British Airways customer failures part 1: broken processes

Summary: The airline's uncanny ability to bungle even simple tasks beggars belief, yet it stands as an exemplar of all that's messed up in modern day IT development.

TOPICS: Browser

This is part one of a three parter. In this part I talk about process failures in communications and the ticket locator/e-ticket systems. In part two, I talk about the website. In part three I talk abut the broader implications for development and customer relationships in a hyper connected world.

Those who drift between this weblog and my personal site will know that every now and again I launch a tirade against some aspect of travel. The latest target for my ire is that icon of self deprecating failure: British Airways. Its uncanny ability to muff even common day tasks beggars belief yet it stands as an exemplar of all that's messed up in modern day IT development. Here we go...

I've been on a near round the world trip the last few weeks. Kicking off in London, I ventured west to Houston, then back to London, on to Sydney Australia, round to Frankfurt and then back home. All in 17 days. All booked under different ticket locators with BA. Except as I write this I am not back home.
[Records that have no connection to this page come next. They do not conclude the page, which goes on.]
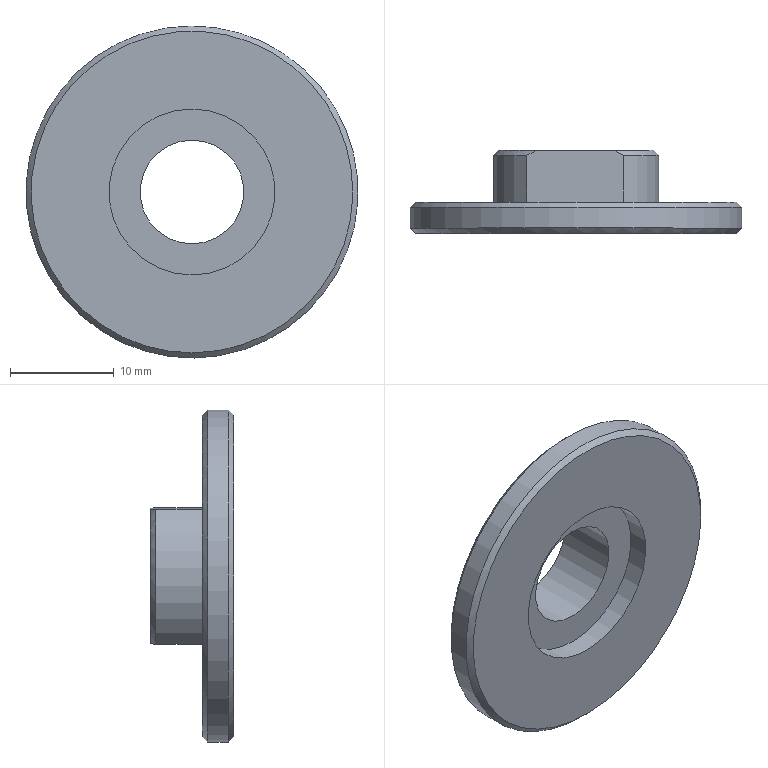Component | NX | LOCK_NUT | 1 solid | 15 faces | box 32 x 8 x 32 mm | volume 2421 mm3 | plane 6 | cylinder 5 | cone 4 | commonest cylinder face diameters 16 x3 32 x1 10 x1
STEP:
#1=CARTESIAN_POINT('',(0.,0.,0.));
#2=DIRECTION('',(0.,0.,1.));
#3=DIRECTION('',(1.,0.,0.));
#4=AXIS2_PLACEMENT_3D('',#1,#2,#3);
#5=CARTESIAN_POINT('',(-431.74,16.4,383.556));
#6=VERTEX_POINT('',#5);
#7=CARTESIAN_POINT('',(-431.676,16.4,378.556));
#8=DIRECTION('',(0.,-1.,0.));
#9=DIRECTION('',(-0.01278,0.,0.9999));
#10=AXIS2_PLACEMENT_3D('',#7,#8,#9);
#11=CIRCLE('',#10,5.);
#12=CARTESIAN_POINT('',(-423.676,16.4,378.658));
#13=DIRECTION('',(0.,-1.,0.));
#14=DIRECTION('',(-0.01278,0.,0.9999));
#15=AXIS2_PLACEMENT_3D('',#12,#13,#14);
#16=PLANE('',#15);
#17=CARTESIAN_POINT('',(-0.,8.));
#18=DIRECTION('',(1.,0.));
#19=AXIS2_PLACEMENT_2D('',#17,#18);
#20=CIRCLE('',#19,5.);
#21=(GEOMETRIC_REPRESENTATION_CONTEXT(2)PARAMETRIC_REPRESENTATION_CONTEXT()REPRESENTATION_CONTEXT('',''));
#22=DEFINITIONAL_REPRESENTATION('',(#20),#21);
#23=PCURVE('',#16,#22);
#24=CARTESIAN_POINT('',(-431.676,16.4,378.556));
#25=DIRECTION('',(0.,-1.,0.));
#26=DIRECTION('',(-0.01278,0.,0.9999));
#27=AXIS2_PLACEMENT_3D('',#24,#25,#26);
#28=CYLINDRICAL_SURFACE('',#27,5.);
#29=CARTESIAN_POINT('',(0.,0.));
#30=DIRECTION('',(1.,0.));
#31=VECTOR('',#30,1.);
#32=LINE('',#29,#31);
#33=(GEOMETRIC_REPRESENTATION_CONTEXT(2)PARAMETRIC_REPRESENTATION_CONTEXT()REPRESENTATION_CONTEXT('',''));
#34=DEFINITIONAL_REPRESENTATION('',(#32),#33);
#35=PCURVE('',#28,#34);
#36=SURFACE_CURVE('',#11,(#23,#35),.PCURVE_S1.);
#37=EDGE_CURVE('',#6,#6,#36,.T.);
#38=ORIENTED_EDGE('',*,*,#37,.T.);
#39=EDGE_LOOP('',(#38));
#40=FACE_BOUND('',#39,.T.);
#41=CARTESIAN_POINT('',(-428.017,16.4,385.103));
#42=VERTEX_POINT('',#41);
#43=CARTESIAN_POINT('',(-435.5,16.4,385.008));
#44=VERTEX_POINT('',#43);
#45=CARTESIAN_POINT('',(-423.759,16.4,385.158));
#46=DIRECTION('',(-0.9999,0.,-0.01278));
#47=VECTOR('',#46,1.);
#48=LINE('',#45,#47);
#49=CARTESIAN_POINT('',(6.5,-0.));
#50=DIRECTION('',(-0.,1.));
#51=VECTOR('',#50,1.);
#52=LINE('',#49,#51);
#53=(GEOMETRIC_REPRESENTATION_CONTEXT(2)PARAMETRIC_REPRESENTATION_CONTEXT()REPRESENTATION_CONTEXT('',''));
#54=DEFINITIONAL_REPRESENTATION('',(#52),#53);
#55=PCURVE('',#16,#54);
#56=CARTESIAN_POINT('',(-424.259,17.9,385.151));
#57=DIRECTION('',(-0.01278,0.,0.9999));
#58=DIRECTION('',(0.9999,0.,0.01278));
#59=AXIS2_PLACEMENT_3D('',#56,#57,#58);
#60=PLANE('',#59);
#61=CARTESIAN_POINT('',(0.5,-1.5));
#62=DIRECTION('',(-1.,0.));
#63=VECTOR('',#62,1.);
#64=LINE('',#61,#63);
#65=(GEOMETRIC_REPRESENTATION_CONTEXT(2)PARAMETRIC_REPRESENTATION_CONTEXT()REPRESENTATION_CONTEXT('',''));
#66=DEFINITIONAL_REPRESENTATION('',(#64),#65);
#67=PCURVE('',#60,#66);
#68=SURFACE_CURVE('',#48,(#55,#67),.PCURVE_S1.);
#69=EDGE_CURVE('',#42,#44,#68,.T.);
#70=ORIENTED_EDGE('',*,*,#69,.F.);
#71=CARTESIAN_POINT('',(-427.851,16.4,372.104));
#72=VERTEX_POINT('',#71);
#73=CARTESIAN_POINT('',(-431.676,16.4,378.556));
#74=DIRECTION('',(0.,1.,0.));
#75=DIRECTION('',(-0.01278,0.,0.9999));
#76=AXIS2_PLACEMENT_3D('',#73,#74,#75);
#77=CIRCLE('',#76,7.5);
#78=CARTESIAN_POINT('',(7.5,8.));
#79=CARTESIAN_POINT('',(7.5,-4.99));
#80=CARTESIAN_POINT('',(-3.75,1.505));
#81=CARTESIAN_POINT('',(-15.,8.));
#82=CARTESIAN_POINT('',(-3.75,14.495));
#83=CARTESIAN_POINT('',(7.5,20.99));
#84=CARTESIAN_POINT('',(7.5,8.));
#85=(BOUNDED_CURVE()B_SPLINE_CURVE(2,(#78,#79,#80,#81,#82,#83,#84),.UNSPECIFIED.,.T.,.F.)B_SPLINE_CURVE_WITH_KNOTS((1,2,2,2,2,1),(-2.094,0.,2.094,4.189,6.283,8.378),.UNSPECIFIED.)CURVE()GEOMETRIC_REPRESENTATION_ITEM()RATIONAL_B_SPLINE_CURVE((1.,0.5,1.,0.5,1.,0.5,1.))REPRESENTATION_ITEM(''));
#86=(GEOMETRIC_REPRESENTATION_CONTEXT(2)PARAMETRIC_REPRESENTATION_CONTEXT()REPRESENTATION_CONTEXT('',''));
#87=DEFINITIONAL_REPRESENTATION('',(#85),#86);
#88=PCURVE('',#16,#87);
#89=CARTESIAN_POINT('',(-431.676,16.4,378.556));
#90=DIRECTION('',(0.,-1.,0.));
#91=DIRECTION('',(-0.01278,0.,0.9999));
#92=AXIS2_PLACEMENT_3D('',#89,#90,#91);
#93=CONICAL_SURFACE('',#92,7.5,0.7854);
#94=CARTESIAN_POINT('',(6.283,-0.));
#95=DIRECTION('',(-1.,0.));
#96=VECTOR('',#95,1.);
#97=LINE('',#94,#96);
#98=(GEOMETRIC_REPRESENTATION_CONTEXT(2)PARAMETRIC_REPRESENTATION_CONTEXT()REPRESENTATION_CONTEXT('',''));
#99=DEFINITIONAL_REPRESENTATION('',(#97),#98);
#100=PCURVE('',#93,#99);
#101=SURFACE_CURVE('',#77,(#88,#100),.PCURVE_S1.);
#102=EDGE_CURVE('',#42,#72,#101,.T.);
#103=ORIENTED_EDGE('',*,*,#102,.T.);
#104=CARTESIAN_POINT('',(-435.334,16.4,372.009));
#105=VERTEX_POINT('',#104);
#106=CARTESIAN_POINT('',(-423.593,16.4,372.159));
#107=DIRECTION('',(0.9999,0.,0.01278));
#108=VECTOR('',#107,1.);
#109=LINE('',#106,#108);
#110=CARTESIAN_POINT('',(-6.5,0.));
#111=DIRECTION('',(-0.,-1.));
#112=VECTOR('',#111,1.);
#113=LINE('',#110,#112);
#114=(GEOMETRIC_REPRESENTATION_CONTEXT(2)PARAMETRIC_REPRESENTATION_CONTEXT()REPRESENTATION_CONTEXT('',''));
#115=DEFINITIONAL_REPRESENTATION('',(#113),#114);
#116=PCURVE('',#16,#115);
#117=CARTESIAN_POINT('',(-440.592,17.9,371.941));
#118=DIRECTION('',(0.01278,0.,-0.9999));
#119=DIRECTION('',(-0.9999,0.,-0.01278));
#120=AXIS2_PLACEMENT_3D('',#117,#118,#119);
#121=PLANE('',#120);
#122=CARTESIAN_POINT('',(-17.,-1.5));
#123=DIRECTION('',(-1.,0.));
#124=VECTOR('',#123,1.);
#125=LINE('',#122,#124);
#126=(GEOMETRIC_REPRESENTATION_CONTEXT(2)PARAMETRIC_REPRESENTATION_CONTEXT()REPRESENTATION_CONTEXT('',''));
#127=DEFINITIONAL_REPRESENTATION('',(#125),#126);
#128=PCURVE('',#121,#127);
#129=SURFACE_CURVE('',#109,(#116,#128),.PCURVE_S1.);
#130=EDGE_CURVE('',#105,#72,#129,.T.);
#131=ORIENTED_EDGE('',*,*,#130,.F.);
#132=CARTESIAN_POINT('',(-431.676,16.4,378.556));
#133=DIRECTION('',(0.,1.,0.));
#134=DIRECTION('',(-0.01278,0.,0.9999));
#135=AXIS2_PLACEMENT_3D('',#132,#133,#134);
#136=CIRCLE('',#135,7.5);
#137=CARTESIAN_POINT('',(7.5,8.));
#138=CARTESIAN_POINT('',(7.5,-4.99));
#139=CARTESIAN_POINT('',(-3.75,1.505));
#140=CARTESIAN_POINT('',(-15.,8.));
#141=CARTESIAN_POINT('',(-3.75,14.495));
#142=CARTESIAN_POINT('',(7.5,20.99));
#143=CARTESIAN_POINT('',(7.5,8.));
#144=(BOUNDED_CURVE()B_SPLINE_CURVE(2,(#137,#138,#139,#140,#141,#142,#143),.UNSPECIFIED.,.T.,.F.)B_SPLINE_CURVE_WITH_KNOTS((1,2,2,2,2,1),(-2.094,0.,2.094,4.189,6.283,8.378),.UNSPECIFIED.)CURVE()GEOMETRIC_REPRESENTATION_ITEM()RATIONAL_B_SPLINE_CURVE((1.,0.5,1.,0.5,1.,0.5,1.))REPRESENTATION_ITEM(''));
#145=(GEOMETRIC_REPRESENTATION_CONTEXT(2)PARAMETRIC_REPRESENTATION_CONTEXT()REPRESENTATION_CONTEXT('',''));
#146=DEFINITIONAL_REPRESENTATION('',(#144),#145);
#147=PCURVE('',#16,#146);
#148=CARTESIAN_POINT('',(-431.676,16.4,378.556));
#149=DIRECTION('',(0.,-1.,0.));
#150=DIRECTION('',(-0.01278,0.,0.9999));
#151=AXIS2_PLACEMENT_3D('',#148,#149,#150);
#152=CONICAL_SURFACE('',#151,7.5,0.7854);
#153=CARTESIAN_POINT('',(6.283,0.));
#154=DIRECTION('',(-1.,-0.));
#155=VECTOR('',#154,1.);
#156=LINE('',#153,#155);
#157=(GEOMETRIC_REPRESENTATION_CONTEXT(2)PARAMETRIC_REPRESENTATION_CONTEXT()REPRESENTATION_CONTEXT('',''));
#158=DEFINITIONAL_REPRESENTATION('',(#156),#157);
#159=PCURVE('',#152,#158);
#160=SURFACE_CURVE('',#136,(#147,#159),.PCURVE_S1.);
#161=EDGE_CURVE('',#105,#44,#160,.T.);
#162=ORIENTED_EDGE('',*,*,#161,.T.);
#163=EDGE_LOOP('',(#70,#103,#131,#162));
#164=FACE_BOUND('',#163,.T.);
#165=ADVANCED_FACE('',(#40,#164),#16,.F.);
#166=CARTESIAN_POINT('',(-426.929,15.9,372.116));
#167=VERTEX_POINT('',#166);
#168=CARTESIAN_POINT('',(-426.929,11.4,372.116));
#169=VERTEX_POINT('',#168);
#170=CARTESIAN_POINT('',(-426.929,8.4,372.116));
#171=DIRECTION('',(0.,-1.,0.));
#172=VECTOR('',#171,1.);
#173=LINE('',#170,#172);
#174=CARTESIAN_POINT('',(-431.676,8.4,378.556));
#175=DIRECTION('',(0.,1.,0.));
#176=DIRECTION('',(0.01278,0.,-0.9999));
#177=AXIS2_PLACEMENT_3D('',#174,#175,#176);
#178=CYLINDRICAL_SURFACE('',#177,8.);
#179=CARTESIAN_POINT('',(5.661,0.));
#180=DIRECTION('',(0.,-1.));
#181=VECTOR('',#180,1.);
#182=LINE('',#179,#181);
#183=(GEOMETRIC_REPRESENTATION_CONTEXT(2)PARAMETRIC_REPRESENTATION_CONTEXT()REPRESENTATION_CONTEXT('',''));
#184=DEFINITIONAL_REPRESENTATION('',(#182),#183);
#185=PCURVE('',#178,#184);
#186=CARTESIAN_POINT('',(-13.664,-9.5));
#187=DIRECTION('',(0.,-1.));
#188=VECTOR('',#187,1.);
#189=LINE('',#186,#188);
#190=(GEOMETRIC_REPRESENTATION_CONTEXT(2)PARAMETRIC_REPRESENTATION_CONTEXT()REPRESENTATION_CONTEXT('',''));
#191=DEFINITIONAL_REPRESENTATION('',(#189),#190);
#192=PCURVE('',#121,#191);
#193=SURFACE_CURVE('',#173,(#185,#192),.PCURVE_S1.);
#194=EDGE_CURVE('',#167,#169,#193,.T.);
#195=ORIENTED_EDGE('',*,*,#194,.F.);
#196=CARTESIAN_POINT('',(-427.095,15.9,385.115));
#197=VERTEX_POINT('',#196);
#198=CARTESIAN_POINT('',(-431.676,15.9,378.556));
#199=DIRECTION('',(0.,-1.,0.));
#200=DIRECTION('',(-0.01278,0.,0.9999));
#201=AXIS2_PLACEMENT_3D('',#198,#199,#200);
#202=CIRCLE('',#201,8.);
#203=CARTESIAN_POINT('',(9.425,7.5));
#204=DIRECTION('',(-1.,0.));
#205=VECTOR('',#204,1.);
#206=LINE('',#203,#205);
#207=(GEOMETRIC_REPRESENTATION_CONTEXT(2)PARAMETRIC_REPRESENTATION_CONTEXT()REPRESENTATION_CONTEXT('',''));
#208=DEFINITIONAL_REPRESENTATION('',(#206),#207);
#209=PCURVE('',#178,#208);
#210=CARTESIAN_POINT('',(-0.,0.5));
#211=DIRECTION('',(1.,-0.));
#212=VECTOR('',#211,1.);
#213=LINE('',#210,#212);
#214=(GEOMETRIC_REPRESENTATION_CONTEXT(2)PARAMETRIC_REPRESENTATION_CONTEXT()REPRESENTATION_CONTEXT('',''));
#215=DEFINITIONAL_REPRESENTATION('',(#213),#214);
#216=PCURVE('',#93,#215);
#217=SURFACE_CURVE('',#202,(#209,#216),.PCURVE_S1.);
#218=EDGE_CURVE('',#167,#197,#217,.T.);
#219=ORIENTED_EDGE('',*,*,#218,.T.);
#220=CARTESIAN_POINT('',(-427.095,11.4,385.115));
#221=VERTEX_POINT('',#220);
#222=CARTESIAN_POINT('',(-427.095,8.4,385.115));
#223=DIRECTION('',(0.,1.,0.));
#224=VECTOR('',#223,1.);
#225=LINE('',#222,#224);
#226=CARTESIAN_POINT('',(3.764,0.));
#227=DIRECTION('',(0.,1.));
#228=VECTOR('',#227,1.);
#229=LINE('',#226,#228);
#230=(GEOMETRIC_REPRESENTATION_CONTEXT(2)PARAMETRIC_REPRESENTATION_CONTEXT()REPRESENTATION_CONTEXT('',''));
#231=DEFINITIONAL_REPRESENTATION('',(#229),#230);
#232=PCURVE('',#178,#231);
#233=CARTESIAN_POINT('',(-2.836,-9.5));
#234=DIRECTION('',(0.,1.));
#235=VECTOR('',#234,1.);
#236=LINE('',#233,#235);
#237=(GEOMETRIC_REPRESENTATION_CONTEXT(2)PARAMETRIC_REPRESENTATION_CONTEXT()REPRESENTATION_CONTEXT('',''));
#238=DEFINITIONAL_REPRESENTATION('',(#236),#237);
#239=PCURVE('',#60,#238);
#240=SURFACE_CURVE('',#225,(#232,#239),.PCURVE_S1.);
#241=EDGE_CURVE('',#221,#197,#240,.T.);
#242=ORIENTED_EDGE('',*,*,#241,.F.);
#243=CARTESIAN_POINT('',(-431.676,11.4,378.556));
#244=DIRECTION('',(0.,1.,0.));
#245=DIRECTION('',(0.01278,0.,-0.9999));
#246=AXIS2_PLACEMENT_3D('',#243,#244,#245);
#247=CIRCLE('',#246,8.);
#248=CARTESIAN_POINT('',(0.,3.));
#249=DIRECTION('',(1.,0.));
#250=VECTOR('',#249,1.);
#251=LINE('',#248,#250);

I am sat in an airport. still not home and a day late.

Due to scheduling issues, I was a 'no show' at one leg that connected to lots of other legs of the journey but under the same ticket locator. Little did I know that because of the no show, my itinerary was at risk. Nobody told me. Nobody pinged me to find out what was going on, less still call up or send an inquiring email. I didn't realise the gravity of that situation until late in the day.

Arriving off a red eye from Houston, I immediately rechecked bags and obtained my next ticket which was to Sydney. All is good so far apart form the fact I had been a no show on an inbound to London from Malaga. This was because the Houston flight was a late addition to the overall schedule and conflicted with the outbound from Malaga. This was the triggering event for what followed.

When I returned to Sydney airport, the check in agent could find no record of me. Holy crap - I am standing there with a confirmation loaded into TripIt and she has no clue about me?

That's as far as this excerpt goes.